Let an = (−1)n+1 for n ≥ 1. That is, {an} is the sequence

$1, -1, 1, -1, \ldots.\,$

and let G denote the series $\sum_{n=1}^\infty a_n =1-1+1-1+1-\cdots$

Then the sequence of partial sums {sn} $= \sum_{k=1}^n a_k$ is

$1, 0, 1, 0, \ldots,\,$

so that the series G, known as Grandi's series, clearly does not converge. On the other hand, the terms of the sequence {tn} of the (partial) means of the {sn} where

$t_n = \frac{1}{n}\sum_{k=1}^n s_k$

are

$\frac{1}{1}, \,\frac{1}{2}, \,\frac{2}{3}, \,\frac{2}{4}, \,\frac{3}{5}, \,\frac{3}{6}, \,\frac{4}{7}, \,\frac{4}{8}, \,\ldots,$

so that

$\lim_{n\to\infty} t_n = 1/2.$

Therefore the Cesàro sum of the series G is 1/2.

On the other hand, now let an = n for n ≥ 1. That is, {an} is the sequence

$1, 2, 3, 4, \ldots.\,$

and let G now denote the series $\sum_{n=1}^\infty a_n =1+2+3+4+5+\cdots$

Then the sequence of partial sums {sn} is

$1, 3, 6, 10, \ldots,\,$

and the evaluation of G diverges to infinity. The terms of the sequence of means of partial sums {tn } are here

$\frac{1}{1}, \,\frac{4}{2}, \,\frac{10}{3}, \,\frac{20}{4}, \,\ldots.$

Thus, this sequence diverges to infinity as well as G, and G is now not Cesàro summable. In fact, any series which diverges to (positive or negative) infinity the Cesàro method also leads to a sequence that diverges likewise, and hence such a series is not Cesàro summable.

## (C, α) summation

In 1890, Ernesto Cesàro stated a broader family of summation methods which have since been called (C, α) for non-negative integers α. The (C, 0) method is just ordinary summation, and (C, 1) is Cesàro summation as described above.

The higher-order methods can be described as follows: given a series Σan, define the quantities

$A_n^{-1}=a_n;\quad A_n^\alpha=\sum_{k=0}^n A_k^{\alpha-1}$

(where the upper indices do not denote exponents) and define Enα to be Anα for the series 1 + 0 + 0 + 0 + · · ·. Then the (C, α) sum of Σan is denoted by (C, α)-Σan and has the value

$(C,\alpha)-\sum_{j=0}^\infty a_j=\lim_{n\to\infty}\frac{A_n^\alpha}{E_n^\alpha}$

if it exists (Shawyer & Watson 1994, pp.16-17).
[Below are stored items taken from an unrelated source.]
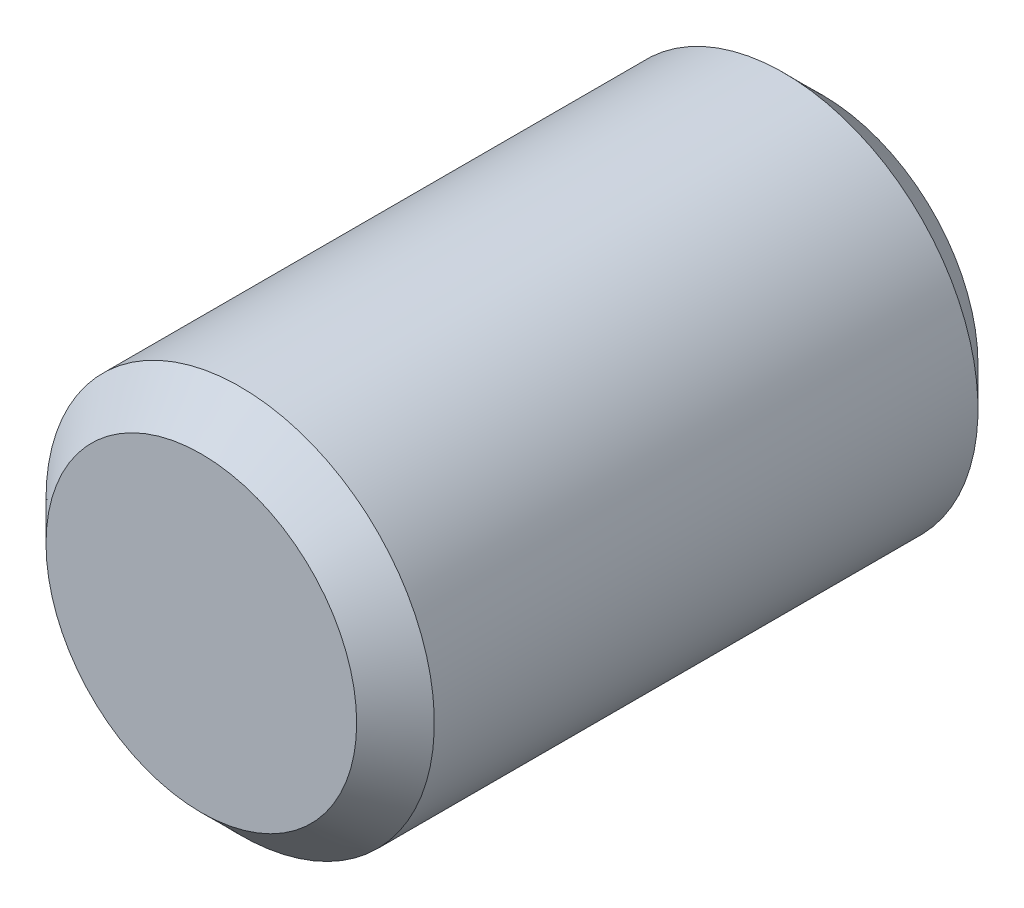
SolidWorks part; units mm, degrees
ref_plane "Front Plane" through (0, 0, 0) normal (0, 0, 1) x (1, 0, 0)
ref_plane "Top Plane" through (0, 0, 0) normal (0, 1, 0) x (1, 0, 0)
ref_plane "Right Plane" through (0, 0, 0) normal (1, 0, 0) x (0, 0, -1)
other "Configuration Table"
ref_plane "Plane1" through (0, 0, 0) normal (0, -1, 0) x (1, 0, 0)
sketch "Sketch1" plane through (0, 0, 0) normal (0, -1, 0) x (1, 0, 0)
  line L0 (2, 8) -> (0, 8)
  line L1 (0, 8) -> (0, 0)
  line L2 (0, 0) -> (2, 0)
  line L3 (2, 0) -> (2.5, 0.5)
  line L4 (2.5, 0.5) -> (2.5, 7.5)
  line L5 (2.5, 7.5) -> (2, 8)
  line L6 (0, 8) -> (0, 0) construction
revolve "Revolve1" add sketch "Sketch1" angle 360 about L6
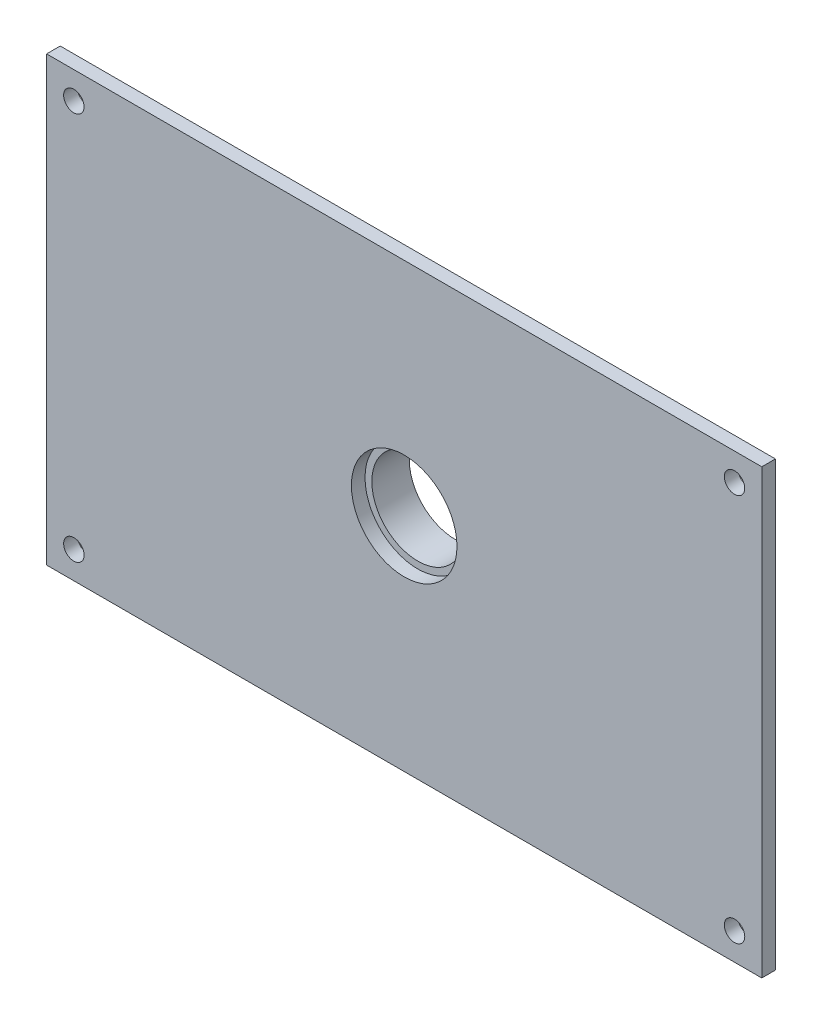
from build123d import *

# Parameters (mm, degrees)
SKETCH1_W           = 210
SKETCH1_H           = 130
SKETCH1_R           = 3
BOSS_EXTRUDE1_DEPTH = 4
SKETCH2_W           = 48
SKETCH2_H           = 48
BOSS_EXTRUDE2_DEPTH = 11
SKETCH3_R           = 13.5
CUT_EXTRUDE1_DEPTH  = 11
SKETCH4_R           = 15.5
CUT_EXTRUDE2_DEPTH  = 11
SCALE_1_SCALE       = 1.875


with BuildPart() as part:
    # Sketch1 → Boss-Extrude1 (new body)
    with BuildSketch(Plane.XY):
        Rectangle(SKETCH1_W, SKETCH1_H)
        with Locations((97, 57)):
            Circle(SKETCH1_R, mode=Mode.SUBTRACT)
        with Locations((-97, 57)):
            Circle(SKETCH1_R, mode=Mode.SUBTRACT)
        with Locations((-97, -57)):
            Circle(SKETCH1_R, mode=Mode.SUBTRACT)
        with Locations((97, -57)):
            Circle(SKETCH1_R, mode=Mode.SUBTRACT)
    extrude(amount=BOSS_EXTRUDE1_DEPTH)

    # Sketch2 → Boss-Extrude2 (add)
    with BuildSketch(Plane(origin=(0, 0, 0), x_dir=(-1, 0, 0), z_dir=(0, 0, -1))):
        Rectangle(SKETCH2_W, SKETCH2_H)
    extrude(amount=BOSS_EXTRUDE2_DEPTH)

    # Sketch3 → Cut-Extrude1 (cut)
    with BuildSketch(Plane(origin=(0, 0, -11), x_dir=(-1, 0, 0), z_dir=(0, 0, -1))):
        Circle(SKETCH3_R)
    extrude(amount=-CUT_EXTRUDE1_DEPTH, mode=Mode.SUBTRACT)

    # Sketch4 → Cut-Extrude2 (cut)
    with BuildSketch(Plane(origin=(0, 0, 0), x_dir=(-1, 0, 0), z_dir=(0, 0, -1))):
        Circle(SKETCH4_R)
    extrude(amount=-CUT_EXTRUDE2_DEPTH, mode=Mode.SUBTRACT)


with BuildPart() as part_1:
    # Scale 1: scaled about (0, 0, 0.855180598)
    add(part.part.scale(SCALE_1_SCALE).moved(Location((0, 0, -0.748283023))))


solid = part_1.part
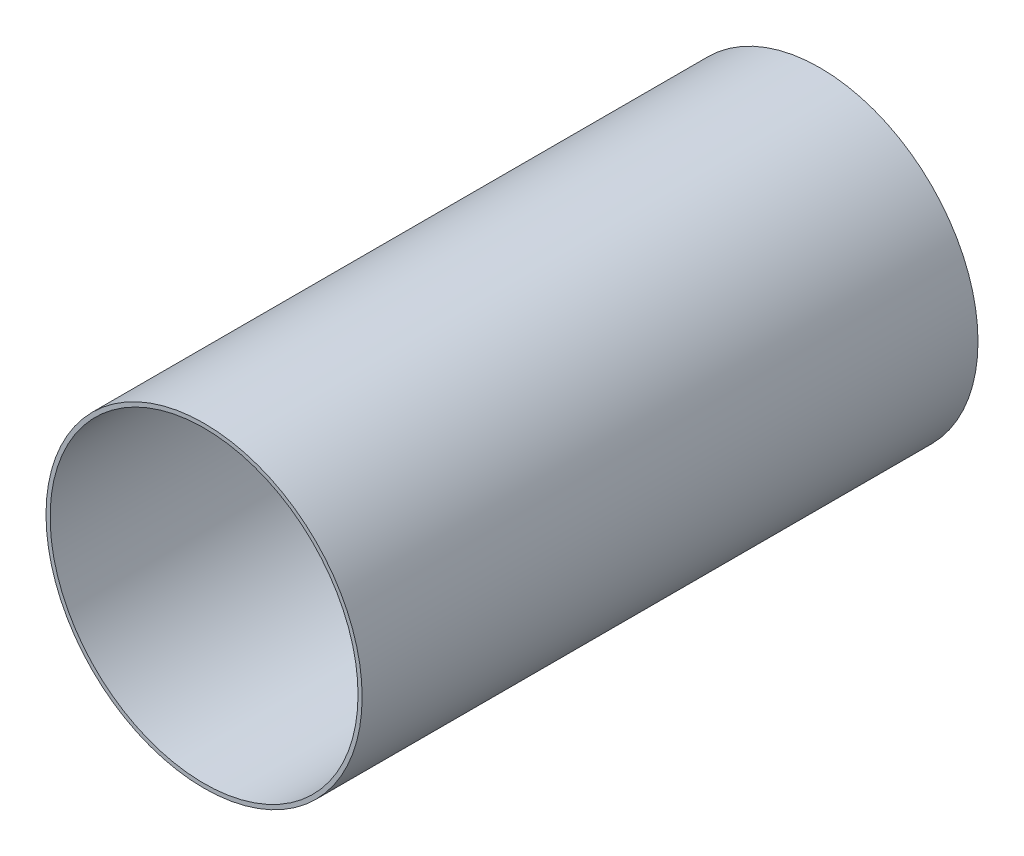
from build123d import *

# Parameters (mm, degrees)
SKETCH1_R           = 77
SKETCH1_R_2         = 75
BOSS_EXTRUDE1_DEPTH = 300


with BuildPart() as part:
    # Sketch1 → Boss-Extrude1 (new body)
    with BuildSketch(Plane.XY):
        Circle(SKETCH1_R)
        Circle(SKETCH1_R_2, mode=Mode.SUBTRACT)
    extrude(amount=BOSS_EXTRUDE1_DEPTH)


solid = part.part

This description represents an $\alpha$-times iterated application of the initial summation method and can be restated as

$(C,\alpha)-\sum_{j=0}^\infty a_j = \lim_{n\to\infty} \sum_{j=0}^n \frac{{n \choose j}}{{n+\alpha \choose j}} a_j.$

Even more generally, for $\alpha\in\mathbb{R}\setminus(-\mathbb{N})$, let Anα be implicitly given by the coefficients of the series

$\sum_{n=0}^\infty A_n^\alpha x^n=\frac{\displaystyle{\sum_{n=0}^\infty a_nx^n}}{(1-x)^{1+\alpha}},$

and Enα as above. In particular, Enα are the binomial coefficients of power −1 − α. Then the (C, α) sum of Σ an is defined as above.

If Σan has a (C, α) sum, then it also has a (C, β) sum for every β>α, and the sums agree; furthermore we have an = o(nα) if α > −1 (see little-o notation).

## Cesàro summability of an integral

Let α ≥ 0. The integral $\scriptstyle{\int_0^\infty f(x)\,dx}$ is Cesàro summable (C, α) if

$\lim_{\lambda\to\infty}\int_0^\lambda\left(1-\frac{x}{\lambda}\right)^\alpha f(x)\, dx$

exists and is finite (Titchmarsh 1948, §1.15). The value of this limit, should it exist, is the (C, α) sum of the integral. Analogously to the case of the sum of a series, if α=0, the result is convergence of the improper integral. In the case α=1, (C, 1) convergence is equivalent to the existence of the limit

$\lim_{\lambda\to \infty}\frac{1}{\lambda}\int_0^\lambda\left\{\int_0^xf(y)\, dy\right\}\,dx$

which is the limit of means of the partial integrals.

As is the case with series, if an integral is (C,α) summable for some value of α ≥ 0, then it is also (C,β) summable for all β > α, and the value of the resulting limit is the same.